Тухломон надул щеки и, одновременно хлопнув по ним обеими руками – получился звук «пуф!» – подобострастно захихикал, оценив размах фантазии стража света.

– Мне твой кот не нужен! – обиженно произнес Мефодий.

– Прекрасно. Потому что насчет хлорки я говорила всерьез. Не хочу, чтобы на моем коте были твои микробы, – сказала Даф.

– Ах, какое воображение! Дядя Тухломончик весь в плезире с ног до головы! Если ты захочешь воплотить свои грезы, светлая, Тухломончик с удовольствием заберется в стиральную машинку, чтобы ты нажала кнопочку! А хлорку можно насыпать мне в ушки-с! И даже туфелькой можно отшлепать! Насчет оплаты договоримся! Кроме твоих крылышек, мне ничего и не надо! – восторженно заблеял комиссионер.

Даф посмотрела на него с омерзением. Тем временем Тухломон, вскочив на ноги, уже прыгал вокруг Мефодия, точно сбежавший из зоопарка бабуин.

– Мое очередное почтение грядущему повелителю!
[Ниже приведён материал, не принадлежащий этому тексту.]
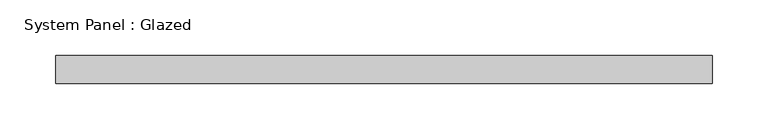
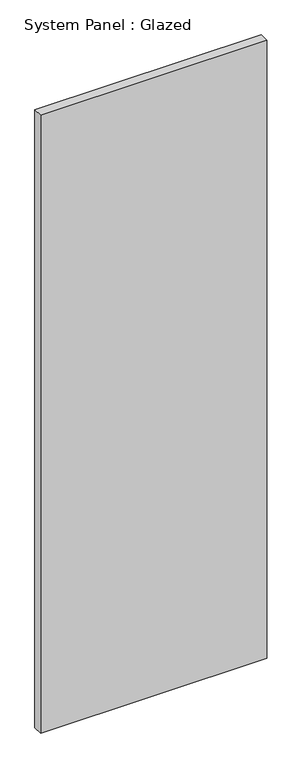
"""IFC4 building model written with IfcOpenShell, lengths in millimetres: plate geometry, System Panel : Glazed."""

from ifc_helpers import new_model, si_unit, origin, origin_with_axes, place, context, project, spatial, polyline, outline, extrude, source, transform, mapped, element, save


def system_panel_glazed_e97abd02(model_context):
    return source(origin(), model_context, "Body", "SweptSolid", [
        extrude(outline(polyline([(294.712644, -44.45), (-294.712644, -44.45), (-294.712644, -19.05), (294.712644, -19.05), (294.712644, -44.45)])), origin_with_axes(), (0.0, 0.0, 1.0), 1701.8),
    ])


if __name__ == "__main__":
    model = new_model("IFC4")
    model_context = context("Model", 3, world=origin())
    ifc_project = project(units=[si_unit("LENGTHUNIT", "METRE", prefix="MILLI")], contexts=[model_context])
    site = spatial("IfcSite", under=ifc_project)
    building = spatial("IfcBuilding", under=site)
    placement = place(None, origin())
    system_panel_glazed_shape = system_panel_glazed_e97abd02(model_context)
    element("IfcPlate", 1, ObjectType="System Panel : Glazed", at=placement, inside=building, context=model_context, shape_type="MappedRepresentation", body=[
        mapped(system_panel_glazed_shape, transform((0.0, 0.0, 0.0), x_axis=(1.0, 0.0, 0.0), y_axis=(0.0, 1.0, 0.0), z_axis=(0.0, 0.0, 1.0))),
    ])
    save(model, "model.ifc")

# Revit data of these elements
# Type "System Panel : Glazed"
#   Construction Type Id = "GSP4R"
#   Analytic Construction = "1/8 in Pilkington single glazing"
#   Visual Light Transmittance = 0.9
#   Solar Heat Gain Coefficient = 0.86
#   Heat Transfer Coefficient (U) = 1.18115 BTU/(h·ft²·°F)
#   Define Thermal Properties by = 1
# Element 1 (IfcPlate, "System Panel : Glazed")
#   Materials on its faces: "Glass"
# Materials
#   "Glass": class "Glass", colour RGB 0 128 192, transparency 0.75, Description = "Soda Lime Glass", Cost = 0
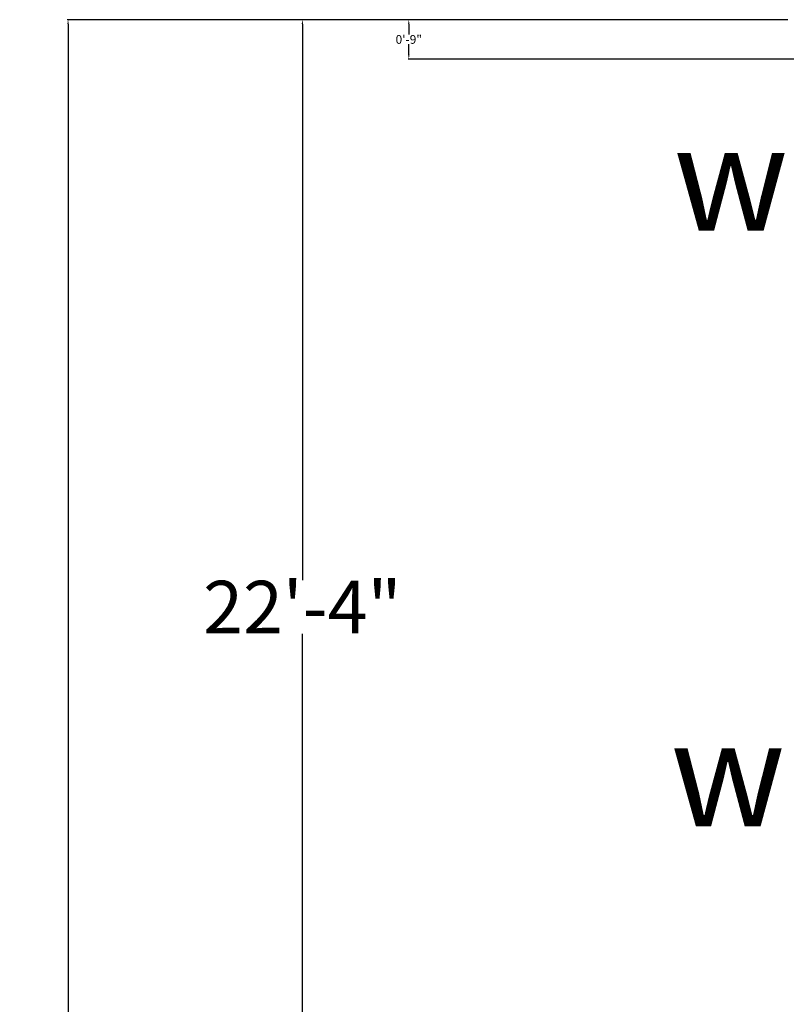
# Model space of a CAD drawing. Units: inches. Extents: x 409 to 7572, y 7 to 725.
# Tile 23 of 38: x 4151 to 4326, y 448 to 673. Entities that reach past the tile are written whole.
import ezdxf

# ---------------------------------------------------------------- set-up
doc = ezdxf.new("R2010")
doc.units = ezdxf.units.IN
doc.header["$MEASUREMENT"] = 0
doc.layers.add('A-ANNO-DIMS', color=2, linetype='Continuous', lineweight=18)
doc.layers.add('A-ANNO-SYMB', color=3, linetype='Continuous', lineweight=25)
doc.styles.get("Standard").update_dxf_attribs({"font": 'arial.ttf'})
doc.dimstyles.get("Standard").update_dxf_attribs({"dimtxt": 2, "dimasz": 1, "dimexe": 0.18, "dimexo": 0.0625, "dimgap": 0.09, "dimtad": 0, "dimtih": 1, "dimtoh": 1, "dimdec": 0, "dimzin": 0, "dimdsep": 46, "dimlunit": 3, "dimtxsty": 'Standard', "dimcen": 0.09, "dimadec": 0, "dimazin": 0, "dimtfac": 1, "dimtdec": 0, "dimtofl": 0, "dimtmove": 0, "dimatfit": 3, "dimfxl": 1, "dimtolj": 1, "dimtzin": 0, "dimarcsym": 0})

# ---------------------------------------------------------------- blocks, each defined once
blk = doc.blocks.new('*D104')
at = {"layer": 'A-ANNO-DIMS', "color": 0, "lineweight": -2, "transparency": 16777216}
for p, q in [((4325.88, 672.53), (4214.98, 672.53)), ((4215.16, 671.53), (4215.16, 544.65)), ((4215.16, 405.53), (4215.16, 532.42)), ((4325.88, 404.53), (4214.98, 404.53))]:
    blk.add_line(p, q, dxfattribs=at)
at = {"layer": 'A-ANNO-DIMS', "color": 0, "transparency": 16777216}
for points in [[(4214.99, 671.53), (4215.33, 671.53), (4215.16, 672.53)], [(4214.99, 405.53), (4215.33, 405.53), (4215.16, 404.53)]]:
    blk.add_solid(points, dxfattribs=at)
at = {"layer": 'DEFPOINTS', "color": 0, "transparency": 16777216}
for p in [(4325.94, 672.53), (4215.16, 404.53), (4325.94, 404.53)]:
    blk.add_point(p, dxfattribs=at)
at = {"layer": 'A-ANNO-DIMS', "color": 0, "transparency": 16777216, "insert": (4215.16, 538.53), "char_height": 2, "attachment_point": 5}
blk.add_mtext('\\A1;{\\H6x;22\'-4"}', dxfattribs=at)
blk = doc.blocks.new('*D93')
at = {"layer": 'A-ANNO-DIMS', "color": 0, "lineweight": -2, "transparency": 16777216}
for p, q in [((4325.88, 672.53), (4161.52, 672.53)), ((4161.7, 671.53), (4161.7, 420.75)), ((4161.7, 157.53), (4161.7, 408.31)), ((4325.88, 156.53), (4161.52, 156.53))]:
    blk.add_line(p, q, dxfattribs=at)
at = {"layer": 'A-ANNO-DIMS', "color": 0, "transparency": 16777216}
for points in [[(4161.54, 671.53), (4161.87, 671.53), (4161.7, 672.53)], [(4161.54, 157.53), (4161.87, 157.53), (4161.7, 156.53)]]:
    blk.add_solid(points, dxfattribs=at)
at = {"layer": 'DEFPOINTS', "color": 0, "transparency": 16777216}
for p in [(4325.94, 672.53), (4161.7, 156.53), (4325.94, 156.53)]:
    blk.add_point(p, dxfattribs=at)
at = {"layer": 'A-ANNO-DIMS', "color": 0, "transparency": 16777216, "insert": (4161.7, 414.53), "char_height": 2, "attachment_point": 5}
blk.add_mtext("\\A1;{\\H6x;43'}", dxfattribs=at)
blk = doc.blocks.new('*D188')
at = {"layer": 'A-ANNO-DIMS', "color": 0, "lineweight": -2, "transparency": 16777216}
for p, q in [((4325.88, 672.53), (4239.26, 672.53)), ((4239.44, 671.53), (4239.44, 669.14)), ((4239.44, 664.53), (4239.44, 666.92)), ((4334.88, 663.53), (4239.26, 663.53))]:
    blk.add_line(p, q, dxfattribs=at)
at = {"layer": 'A-ANNO-DIMS', "color": 0, "transparency": 16777216}
for points in [[(4239.27, 671.53), (4239.61, 671.53), (4239.44, 672.53)], [(4239.27, 664.53), (4239.61, 664.53), (4239.44, 663.53)]]:
    blk.add_solid(points, dxfattribs=at)
at = {"layer": 'DEFPOINTS', "color": 0, "transparency": 16777216}
for p in [(4325.94, 672.53), (4239.44, 663.53), (4334.94, 663.53)]:
    blk.add_point(p, dxfattribs=at)
at = {"layer": 'A-ANNO-DIMS', "color": 0, "transparency": 16777216, "insert": (4239.44, 668.03), "char_height": 2, "attachment_point": 5}
blk.add_mtext('\\A1;0\'-9"', dxfattribs=at)

msp = doc.modelspace()

# ---------------------------------------------------------------- texts
at = {"layer": 'A-ANNO-SYMB', "char_height": 24, "attachment_point": 1}
for insert in [(4299.79, 648.37), (4299.11, 512.53)]:
    msp.add_mtext_dynamic_manual_height_columns('w', width=18.2582, gutter_width=1, heights=[0], dxfattribs=dict(at, insert=insert))

# ---------------------------------------------------------------- dimensions: what is measured, and where the dimension line sits
at = {"layer": 'A-ANNO-DIMS'}
for base, p2, picture, middle in [((4161.7, 156.53), (4325.94, 156.53), '*D93', (4161.7, 414.53)), ((4215.16, 404.53), (4325.94, 404.53), '*D104', (4215.16, 538.53))]:
    dim = msp.add_linear_dim(base=base, p1=(4325.94, 672.53), p2=p2, angle=90, text='{\\H6x;<>}', dimstyle='Standard', override={"dimclrd": 0, "dimclre": 0, "dimclrt": 0}, dxfattribs=at)
    dim.commit()
    dim.dimension.update_dxf_attribs({"geometry": picture, "text_midpoint": middle})
dim = msp.add_linear_dim(base=(4239.44, 663.53), p1=(4325.94, 672.53), p2=(4334.94, 663.53), angle=90, dimstyle='Standard', override={"dimdec": 1, "dimlfac": 1, "dimrnd": 0, "dimzin": 1, "dimdsep": 46, "dimlunit": 4, "dimfrac": 2}, dxfattribs=at)
dim.commit()
dim.dimension.update_dxf_attribs({"geometry": '*D188', "text_midpoint": (4239.44, 668.03)})

doc.saveas('drawing.dxf')

Не надумали ножки об меня вытереть? Или кулачком в лобик? Он у меня мяконький, не ушибете кулачок! Или в щечку. Я щечку надую-с!

– Отстань! – сказал Мефодий.

Тухломон ничуть не обиделся.

– Ну нет – так нет. Одному хорошему человеку другого хорошего человека побить никогда не поздно. А я ведь, признаться, с дельцем пожаловал. К Арею и ко всем вам-с. Я только что от Лигула. Буквально в минуту смотался: одна ножка туточки, другая уже тамочки. Со скоростью света спешил!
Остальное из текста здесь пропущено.